Mesmo com a discriminação que enfrenta ele usa simpatia para seguir em frente |
José Marcos de
Souza, 55 anos, costuma levantar cedo, ainda pela madrugada. Ele desfaz a cama,
guarda seu colchonete em um carrinho de supermercado e organiza os produtos que
vende em uma calçada. Morador de rua há três anos, Souza sobrevive da venda de
livros usados em uma esquina da Praia do Flamengo, no Rio de Janeiro. Pela
manhã, faz questão de desejar "bom dia" e "bom trabalho"
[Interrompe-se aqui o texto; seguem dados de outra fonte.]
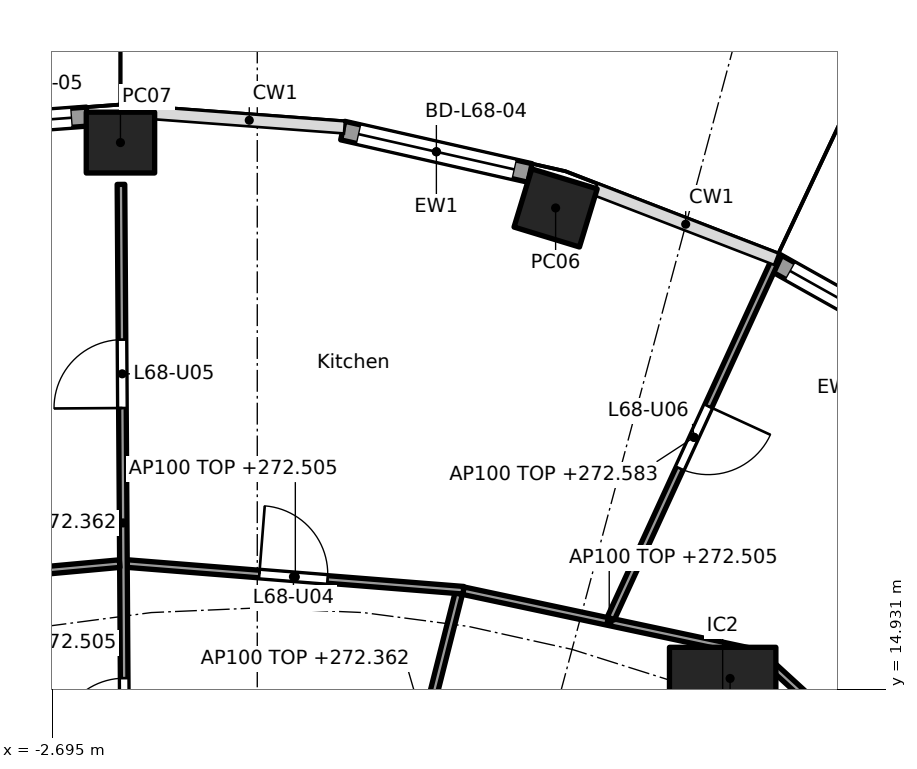
"""IFC4 building model, lengths in metres.
Left out: names, types, materials, properties, quantities, classifications, styles, units other than length and angle.
Written with IfcOpenShell. Run it as: python <this file> out.ifc"""

import sys

from ifc_helpers import new_model, si_unit, direction, frame, frame_2d, origin, origin_2d, place, context, subcontext, project, spatial, rectangle, hollow_rectangle, extrude, element, fill, save


model = new_model("IFC4")
c1 = context("Model", 3, precision=1e-05, world=origin(), true_north=direction((0.0, 1.0)))
c2 = subcontext(c1, "Body", "Model", "MODEL_VIEW")
j1 = project(units=[si_unit("LENGTHUNIT", "METRE"), si_unit("PLANEANGLEUNIT", "RADIAN")], contexts=[c1])
p1 = place(None, origin())
s1 = spatial("IfcSite", under=j1, at=p1, CompositionType="ELEMENT")
p2 = place(p1, origin())
s2 = spatial("IfcBuilding", under=s1, at=p2, CompositionType="ELEMENT")
p3 = place(p2, frame((0.0, 0.0, 269.6)))
s3 = spatial("IfcBuildingStorey", under=s2, at=p3, CompositionType="ELEMENT", Elevation=269.6)
for number, where, z_axis, x_axis in (
    (1, (3.925, 21.262, 0.0), (0.0, 0.0, 1.0), (-0.957, 0.292, 0.0)),
    (2, (-1.8, 22.122, 0.0), (0.0, 0.0, 1.0), (-1.0, 0.0, 0.0)),
):
    element("IfcColumn", number, at=place(p3, frame(where, z_axis=z_axis, x_axis=x_axis)), inside=s3, PredefinedType="COLUMN", context=c2, shape_type="SweptSolid", body=[
        extrude(hollow_rectangle(XDim=0.9, YDim=0.8, WallThickness=0.028, at=origin_2d()), origin(), (0.0, 0.0, 1.0), 3.7),
    ])
p4 = place(p3, frame((6.123, 14.782, 0.0), z_axis=(0.0, 0.0, 1.0), x_axis=(1.0, 0.0, 0.0)))
e3 = element("IfcColumn", 3, at=p4, inside=s3, PredefinedType="COLUMN", context=c2, shape_type="SweptSolid", body=[
    extrude(rectangle(XDim=1.4, YDim=1.4, at=origin_2d()), origin(), (0.0, 0.0, 1.0), 3.7),
])
p5 = place(p3, frame((6.795, 20.554, 0.0), z_axis=(0.0, 0.0, 1.0), x_axis=(0.872052877201, -0.489411666561, 0.0)))
e4 = element("IfcWall", 4, at=p5, inside=s3, PredefinedType="SOLIDWALL", context=c2, shape_type="SweptSolid", body=[
    extrude(rectangle(XDim=2.593, YDim=0.25, at=frame_2d((1.296, 0.0))), origin(), (0.0, 0.0, 1.0), 3.44),
])
p6 = place(p5, frame((0.247, 0.0, 0.0)))
e5 = element("IfcOpeningElement", 5, at=p6, cuts=e4, PredefinedType="OPENING", context=c2, shape_type="SweptSolid", body=[
    extrude(rectangle(XDim=2.1, YDim=2.4, at=frame_2d((1.05, 1.2))), frame((0.0, 0.135, 0.0), z_axis=(0.0, -1.0, 0.0), x_axis=(1.0, 0.0, 0.0)), (0.0, 0.0, 1.0), 0.27),
])
p7 = place(p3, frame((1.125, 22.28, 0.0), z_axis=(0.0, 0.0, 1.0), x_axis=(0.97531487046, -0.22081871175, 0.0)))
e6 = element("IfcWall", 6, at=p7, inside=s3, PredefinedType="SOLIDWALL", context=c2, shape_type="SweptSolid", body=[
    extrude(rectangle(XDim=2.525, YDim=0.25, at=frame_2d((1.263, 0.0))), origin(), (0.0, 0.0, 1.0), 3.44),
])
p8 = place(p7, frame((0.213, 0.0, 0.0)))
e7 = element("IfcOpeningElement", 7, at=p8, cuts=e6, PredefinedType="OPENING", context=c2, shape_type="SweptSolid", body=[
    extrude(rectangle(XDim=2.1, YDim=2.4, at=frame_2d((1.05, 1.2))), frame((0.0, 0.135, 0.0), z_axis=(0.0, -1.0, 0.0), x_axis=(1.0, 0.0, 0.0)), (0.0, 0.0, 1.0), 0.27),
])
p9 = place(p3, frame((-4.743, 22.277, 0.0), z_axis=(0.0, 0.0, 1.0), x_axis=(0.99722914645, 0.074391057731, 0.0)))
e8 = element("IfcWall", 8, at=p9, inside=s3, PredefinedType="SOLIDWALL", context=c2, shape_type="SweptSolid", body=[
    extrude(rectangle(XDim=2.51, YDim=0.25, at=frame_2d((1.255, 0.0))), origin(), (0.0, 0.0, 1.0), 3.44),
])
p10 = place(p9, frame((0.205, 0.0, 0.0)))
e9 = element("IfcOpeningElement", 9, at=p10, cuts=e8, PredefinedType="OPENING", context=c2, shape_type="SweptSolid", body=[
    extrude(rectangle(XDim=2.1, YDim=2.4, at=frame_2d((1.05, 1.2))), frame((0.0, 0.135, 0.0), z_axis=(0.0, -1.0, 0.0), x_axis=(1.0, 0.0, 0.0)), (0.0, 0.0, 1.0), 0.27),
])
p11 = place(p3, frame((10.972, 11.398, 0.0), z_axis=(0.0, 0.0, 1.0), x_axis=(-0.737838738013, 0.674977034193, 0.0)))
e10 = element("IfcWall", 10, at=p11, inside=s3, PredefinedType="PARTITIONING", context=c2, shape_type="SweptSolid", body=[
    extrude(rectangle(XDim=5.977, YDim=0.1, at=frame_2d((2.989, 0.0))), origin(), (0.0, 0.0, 1.0), 2.905),
])
p12 = place(p11, frame((2.514, 0.0, 0.0)))
e11 = element("IfcOpeningElement", 11, at=p12, cuts=e10, PredefinedType="OPENING", context=c2, shape_type="SweptSolid", body=[
    extrude(rectangle(XDim=0.9, YDim=2.1, at=frame_2d((0.45, 1.05))), frame((0.0, 0.06, 0.0), z_axis=(0.0, -1.0, 0.0), x_axis=(1.0, 0.0, 0.0)), (0.0, 0.0, 1.0), 0.12),
])
p13 = place(p3, frame((6.55, 15.409, 0.0), z_axis=(0.0, 0.0, 1.0), x_axis=(-0.978051195976, 0.208364723621, 0.0)))
e12 = element("IfcWall", 12, at=p13, inside=s3, PredefinedType="PARTITIONING", context=c2, shape_type="SweptSolid", body=[
    extrude(rectangle(XDim=3.924, YDim=0.1, at=frame_2d((1.962, 0.0))), origin(), (0.0, 0.0, 1.0), 2.905),
])
p14 = place(p3, frame((4.651, 15.863, 0.0), z_axis=(0.0, 0.0, 1.0), x_axis=(0.41744196735, 0.908703584176, 0.0)))
e13 = element("IfcWall", 13, at=p14, inside=s3, PredefinedType="PARTITIONING", context=c2, shape_type="SweptSolid", body=[
    extrude(rectangle(XDim=5.242, YDim=0.1, at=frame_2d((2.621, 0.0))), origin(), (0.0, 0.0, 1.0), 2.983),
])
p15 = place(p14, frame((2.171, 0.0, 0.0)))
e14 = element("IfcOpeningElement", 14, at=p15, cuts=e13, PredefinedType="OPENING", context=c2, shape_type="SweptSolid", body=[
    extrude(rectangle(XDim=0.9, YDim=2.1, at=frame_2d((0.45, 1.05))), frame((0.0, 0.06, 0.0), z_axis=(0.0, -1.0, 0.0), x_axis=(1.0, 0.0, 0.0)), (0.0, 0.0, 1.0), 0.12),
])
p16 = place(p3, frame((1.759, 12.662, 0.0), z_axis=(0.0, 0.0, 1.0), x_axis=(0.244966765147, 0.969531476525, 0.0)))
e15 = element("IfcWall", 15, at=p16, inside=s3, PredefinedType="PARTITIONING", context=c2, shape_type="SweptSolid", body=[
    extrude(rectangle(XDim=3.638, YDim=0.1, at=frame_2d((1.819, 0.0))), origin(), (0.0, 0.0, 1.0), 2.762),
])
p17 = place(p16, frame((1.369, 0.0, 0.0)))
e16 = element("IfcOpeningElement", 16, at=p17, cuts=e15, PredefinedType="OPENING", context=c2, shape_type="SweptSolid", body=[
    extrude(rectangle(XDim=0.9, YDim=2.1, at=frame_2d((0.45, 1.05))), frame((0.0, 0.06, 0.0), z_axis=(0.0, -1.0, 0.0), x_axis=(1.0, 0.0, 0.0)), (0.0, 0.0, 1.0), 0.12),
])
p18 = place(p3, frame((2.713, 16.233, 0.0), z_axis=(0.0, 0.0, 1.0), x_axis=(-0.996870142942, 0.079056423588, 0.0)))
e17 = element("IfcWall", 17, at=p18, inside=s3, PredefinedType="PARTITIONING", context=c2, shape_type="SweptSolid", body=[
    extrude(rectangle(XDim=4.438, YDim=0.1, at=frame_2d((2.219, 0.0))), origin(), (0.0, 0.0, 1.0), 2.905),
])
p19 = place(p18, frame((1.794, 0.0, 0.0)))
e18 = element("IfcOpeningElement", 18, at=p19, cuts=e17, PredefinedType="OPENING", context=c2, shape_type="SweptSolid", body=[
    extrude(rectangle(XDim=0.9, YDim=2.1, at=frame_2d((0.45, 1.05))), frame((0.0, 0.06, 0.0), z_axis=(0.0, -1.0, 0.0), x_axis=(1.0, 0.0, 0.0)), (0.0, 0.0, 1.0), 0.12),
])
p20 = place(p3, frame((-1.736, 12.665, 0.0), z_axis=(0.0, 0.0, 1.0), x_axis=(-0.00646827636, 0.999979080482, 0.0)))
e19 = element("IfcWall", 19, at=p20, inside=s3, PredefinedType="PARTITIONING", context=c2, shape_type="SweptSolid", body=[
    extrude(rectangle(XDim=8.908, YDim=0.1, at=frame_2d((4.454, 0.0))), origin(), (0.0, 0.0, 1.0), 2.762),
])
p21 = place(p20, frame((1.512, 0.0, 0.0)))
e20 = element("IfcOpeningElement", 20, at=p21, cuts=e19, PredefinedType="OPENING", context=c2, shape_type="SweptSolid", body=[
    extrude(rectangle(XDim=0.9, YDim=2.1, at=frame_2d((0.45, 1.05))), frame((0.0, 0.06, 0.0), z_axis=(0.0, -1.0, 0.0), x_axis=(1.0, 0.0, 0.0)), (0.0, 0.0, 1.0), 0.12),
])
p22 = place(p20, frame((5.965, 0.0, 0.0)))
e21 = element("IfcOpeningElement", 21, at=p22, cuts=e19, PredefinedType="OPENING", context=c2, shape_type="SweptSolid", body=[
    extrude(rectangle(XDim=0.9, YDim=2.1, at=frame_2d((0.45, 1.05))), frame((0.0, 0.06, 0.0), z_axis=(0.0, -1.0, 0.0), x_axis=(1.0, 0.0, 0.0)), (0.0, 0.0, 1.0), 0.12),
])
p23 = place(p3, frame((-1.811, 16.583, 0.0), z_axis=(0.0, 0.0, 1.0), x_axis=(-0.995842301034, -0.091093970555, 0.0)))
e22 = element("IfcWall", 22, at=p23, inside=s3, PredefinedType="PARTITIONING", context=c2, shape_type="SweptSolid", body=[
    extrude(rectangle(XDim=4.535, YDim=0.1, at=frame_2d((2.267, 0.0))), origin(), (0.0, 0.0, 1.0), 2.905),
])
p24 = place(p3, frame((6.388, 15.29, 0.0), z_axis=(0.0, 0.0, 1.0), x_axis=(-0.610612392422, -0.791929609385, 0.0)))
e23 = element("IfcWall", 23, at=p24, inside=s3, PredefinedType="PARTITIONING", context=c2, shape_type="SweptSolid", body=[
    extrude(rectangle(XDim=0.549, YDim=0.1, at=frame_2d((0.275, 0.0))), origin(), (0.0, 0.0, 1.0), 3.44),
])
p25 = place(p6, origin())
e24 = element("IfcDoor", 24, at=p25, inside=s3, OperationType="SLIDING_TO_LEFT", PredefinedType="DOOR", context=c2, shape_type="SweptSolid", body=[
    extrude(rectangle(XDim=2.1, YDim=2.4, at=frame_2d((1.05, 1.2))), frame((0.0, 0.025, 0.0), z_axis=(0.0, -1.0, 0.0), x_axis=(1.0, 0.0, 0.0)), (0.0, 0.0, 1.0), 0.05),
])
fill(e5, e24)
p26 = place(p8, origin())
e25 = element("IfcDoor", 25, at=p26, inside=s3, OperationType="SLIDING_TO_LEFT", PredefinedType="DOOR", context=c2, shape_type="SweptSolid", body=[
    extrude(rectangle(XDim=2.1, YDim=2.4, at=frame_2d((1.05, 1.2))), frame((0.0, 0.025, 0.0), z_axis=(0.0, -1.0, 0.0), x_axis=(1.0, 0.0, 0.0)), (0.0, 0.0, 1.0), 0.05),
])
fill(e7, e25)
p27 = place(p10, origin())
e26 = element("IfcDoor", 26, at=p27, inside=s3, OperationType="SLIDING_TO_LEFT", PredefinedType="DOOR", context=c2, shape_type="SweptSolid", body=[
    extrude(rectangle(XDim=2.1, YDim=2.4, at=frame_2d((1.05, 1.2))), frame((0.0, 0.025, 0.0), z_axis=(0.0, -1.0, 0.0), x_axis=(1.0, 0.0, 0.0)), (0.0, 0.0, 1.0), 0.05),
])
fill(e9, e26)
p28 = place(p21, origin())
e27 = element("IfcDoor", 27, at=p28, inside=s3, OperationType="SINGLE_SWING_LEFT", PredefinedType="DOOR", context=c2, shape_type="SweptSolid", body=[
    extrude(rectangle(XDim=0.9, YDim=2.1, at=frame_2d((0.45, 1.05))), frame((0.0, 0.025, 0.0), z_axis=(0.0, -1.0, 0.0), x_axis=(1.0, 0.0, 0.0)), (0.0, 0.0, 1.0), 0.05),
])
fill(e20, e27)
p29 = place(p19, frame((0.9, 0.0, 0.0), x_axis=(-1.0, 0.0, 0.0)))
e28 = element("IfcDoor", 28, at=p29, inside=s3, OperationType="SINGLE_SWING_LEFT", PredefinedType="DOOR", context=c2, shape_type="SweptSolid", body=[
    extrude(rectangle(XDim=0.9, YDim=2.1, at=frame_2d((0.45, 1.05))), frame((0.0, 0.025, 0.0), z_axis=(0.0, -1.0, 0.0), x_axis=(1.0, 0.0, 0.0)), (0.0, 0.0, 1.0), 0.05),
])
fill(e18, e28)
p30 = place(p22, origin())
e29 = element("IfcDoor", 29, at=p30, inside=s3, OperationType="SINGLE_SWING_LEFT", PredefinedType="DOOR", context=c2, shape_type="SweptSolid", body=[
    extrude(rectangle(XDim=0.9, YDim=2.1, at=frame_2d((0.45, 1.05))), frame((0.0, 0.025, 0.0), z_axis=(0.0, -1.0, 0.0), x_axis=(1.0, 0.0, 0.0)), (0.0, 0.0, 1.0), 0.05),
])
fill(e21, e29)
p31 = place(p15, frame((0.9, 0.0, 0.0), x_axis=(-1.0, 0.0, 0.0)))
e30 = element("IfcDoor", 30, at=p31, inside=s3, OperationType="SINGLE_SWING_LEFT", PredefinedType="DOOR", context=c2, shape_type="SweptSolid", body=[
    extrude(rectangle(XDim=0.9, YDim=2.1, at=frame_2d((0.45, 1.05))), frame((0.0, 0.025, 0.0), z_axis=(0.0, -1.0, 0.0), x_axis=(1.0, 0.0, 0.0)), (0.0, 0.0, 1.0), 0.05),
])
fill(e14, e30)
save(model, sys.argv[1])

aos que passam enfrente ao seu sebo a céu aberto. Conhecido de muitos moradores
e trabalhadores da vizinhança, ele recebe doações de livros, de roupas,. Calçados
e até comida.
Apesar disso,
enfrenta hostilidade e discriminação de pessoas que vivem na região do seu
ponto de venda. Na primeira semana de setembro, Souza e alguns de seus livros
foram atingidos por ovos lançados de um prédio. Agentes da prefeitura já
chegaram a ser chamados na tentativa de retirá-lo do local. “Viver na rua é
amargo. Você ouvir um monte de desaforo sem poder reagir; sem poder se defender”,
desabafa.
Souza e seu Sebo a céu aberto no Flamengo/RJ |
José Marcos de Souza
combate a intolerância com simpatia e poesia. Ele, que estudou até o nono ano
(antiga oitava série) do Ensino Fundamental, diz que Carlos Drummond de Andrade
é um de seus autores preferidos. Com frequência, escreve em um caderno que
guarda em uma das malas. "Quando cheguei à rua, eu não tinha nada",
conta. Souza vivia com a família da irmã em Niterói, região metropolitana do
Rio, mas saiu de casa após um desentendimento familiar. Ao longo da vida, colecionou trabalhos
temporários: foi caseiro, repositor de mercadorias em supermercado, balconista
e garçom.
"Muitas pessoas
hoje me veem na rua e me condenam, achando que sou um viciado, um monstro, um
pedófilo. Mas não, eu vim para a rua para conseguir a minha própria casa e não
ficar dependendo de parente", se explica. Segundo a prefeitura do Rio, o
levantamento “Somos Todos Cariocas”, realizado no dia 23 de janeiro deste ano,
contabilizou mais de 3,7 mil pessoas vivendo nas ruas da cidade. Outras 913
estavam em abrigos. Souza já passou uma temporada em um centro de acolhimento
em Jacarepaguá, na zona oeste do Rio, mas diz que se sentiu deslocado. "O
que eu vou fazer num abrigo onde só há dependentes químicos? Será que eu não
estava tirando a vaga de alguém que precisa?", pondera. "Falei que
não era um lugar para eu ficar. Eu preciso de uma casa, não de um abrigo."
O vendedor de livros
deposita todo o dinheiro que sobra em uma conta bancária. Ele sonha em comprar
uma casa em Governador Valadares, cidade mineira onde seus pais viveram. “O
povo tem que parar um pouco para pensar e ver quantas pessoas nas ruas está
precisando de ajuda. Quem está na rua não é ladrão. Quem está na rua tem
necessidades”, solidariza-se com todos. "Eu gostaria que as pessoas me
vissem como um ser humano. Um ser humano que está tentando vencer na vida. Já
que não posso trabalhando honestamente, qual seria o jeito melhor para eu
vencer? Será que é roubando, matando as pessoas? Não, eu não acho certo. O
certo, para eu poder vencer, é vender os meus livros. É a única maneira."
Fonte: GLOBO 1
Fotos: BBC
Será que não se encontram meios de ajudar o José Marcos a superar suas dificuldades e viver de maneira mais digna? Tomara que, no mínimo, ele receba muito mais livros para continuar vendendo até atingir seu objetivo.